Feasibility and Utility of Artificial Intelligence (AI) / Machine Learning (ML) - Driven Advanced Intraoperative Visualization and Identification of Critical Anatomic Structures and Procedural Phases in Laparoscopic Cholecystectomy
The goal of this study is to evaluate the utility and efficacy of an artificial intelligence (AI) model at identifying structures and phases of surgery compared to traditional white light assessment by trained surgeons. Surgeons will perform the procedure in their standard practice, while the AI model analyzes data from the laparoscopic camera. Surgeons will be asked to audibly state when they identify structures and enter different phases of the surgical procedure. The AI will not alter the surgeon's view or be visible to the surgeon, and the surgeon will perform the procedure in the exact same fashion as they typically do.

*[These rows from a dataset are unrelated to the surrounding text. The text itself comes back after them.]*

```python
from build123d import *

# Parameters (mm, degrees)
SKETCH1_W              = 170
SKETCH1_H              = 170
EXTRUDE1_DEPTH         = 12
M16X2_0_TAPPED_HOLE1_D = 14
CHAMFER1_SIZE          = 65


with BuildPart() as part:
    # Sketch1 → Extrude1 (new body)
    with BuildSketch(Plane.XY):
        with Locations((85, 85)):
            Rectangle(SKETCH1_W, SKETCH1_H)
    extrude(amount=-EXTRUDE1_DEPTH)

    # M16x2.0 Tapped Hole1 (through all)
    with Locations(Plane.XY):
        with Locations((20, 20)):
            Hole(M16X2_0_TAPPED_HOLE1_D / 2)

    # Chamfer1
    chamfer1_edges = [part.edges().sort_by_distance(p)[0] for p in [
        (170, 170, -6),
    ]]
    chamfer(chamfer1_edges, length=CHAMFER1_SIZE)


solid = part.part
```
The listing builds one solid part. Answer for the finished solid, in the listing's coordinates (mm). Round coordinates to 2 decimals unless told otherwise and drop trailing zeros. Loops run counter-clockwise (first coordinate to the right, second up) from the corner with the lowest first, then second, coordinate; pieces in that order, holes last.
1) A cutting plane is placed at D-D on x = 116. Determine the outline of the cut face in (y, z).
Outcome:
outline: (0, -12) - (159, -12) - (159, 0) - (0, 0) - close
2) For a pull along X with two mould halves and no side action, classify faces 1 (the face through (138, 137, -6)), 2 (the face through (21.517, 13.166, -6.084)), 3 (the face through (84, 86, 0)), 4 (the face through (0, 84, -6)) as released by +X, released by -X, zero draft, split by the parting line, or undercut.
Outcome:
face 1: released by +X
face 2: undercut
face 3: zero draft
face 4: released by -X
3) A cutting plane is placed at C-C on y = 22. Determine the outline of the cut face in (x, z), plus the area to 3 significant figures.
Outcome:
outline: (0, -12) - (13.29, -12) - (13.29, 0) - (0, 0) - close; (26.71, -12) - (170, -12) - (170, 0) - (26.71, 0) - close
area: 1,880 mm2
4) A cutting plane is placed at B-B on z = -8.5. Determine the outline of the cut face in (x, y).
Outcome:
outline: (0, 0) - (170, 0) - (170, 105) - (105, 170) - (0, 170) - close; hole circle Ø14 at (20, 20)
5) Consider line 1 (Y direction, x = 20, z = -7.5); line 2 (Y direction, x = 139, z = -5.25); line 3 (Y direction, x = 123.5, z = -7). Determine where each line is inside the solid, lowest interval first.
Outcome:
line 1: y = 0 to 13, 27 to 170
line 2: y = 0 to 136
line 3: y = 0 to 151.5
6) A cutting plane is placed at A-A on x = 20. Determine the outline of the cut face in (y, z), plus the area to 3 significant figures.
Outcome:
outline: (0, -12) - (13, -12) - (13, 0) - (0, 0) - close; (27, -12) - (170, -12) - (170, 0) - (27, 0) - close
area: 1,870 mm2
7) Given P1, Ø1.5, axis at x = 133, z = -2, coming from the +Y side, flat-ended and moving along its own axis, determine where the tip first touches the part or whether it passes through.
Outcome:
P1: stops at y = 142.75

• All patients age \> 18 years old who are planned for elective laparoscopic cholecystectomy; spoken command and literacy in the native language spoken at each participating center; ability to understand and follow study procedures; and having provided signed consent.
• Eligible patients will be screened and assigned as per risk calculator for difficulty of LC
• Diagnosis:
‣ All patients with clinical suspicion and diagnosis of symptomatic cholelithiasis or cholecystitis planned for cholecystectomy.
⁃ Typical imaging as per standard workup findings including US, CT and/or MRI. Plain radiographs and contrast imaging may be obtained by referring physicians and are helpful for confirming the clinical diagnosis.
• Prior therapy:
• o Patients with prior surgery are eligible for enrollment.
• Laboratory:
‣ Hemoglobin \> 9 g/dL
⁃ Platelet count ≥75,000/µL (may receive transfusions)
⁃ Normal prothrombin time (PT), partial thromboplastin time (PTT) and international normalized ratio (INR) \< 1.5 x upper limit of normal (including patients on prophylactic anticoagulation)
⁃ Liver Function Test
⁃ Renal function: Age-adjusted normal serum creatinine
⁃ Adequate pulmonary function: Defined as no dyspnea at rest, and a pulse oximetry \>94% on room air if there is any clinical indication for determination.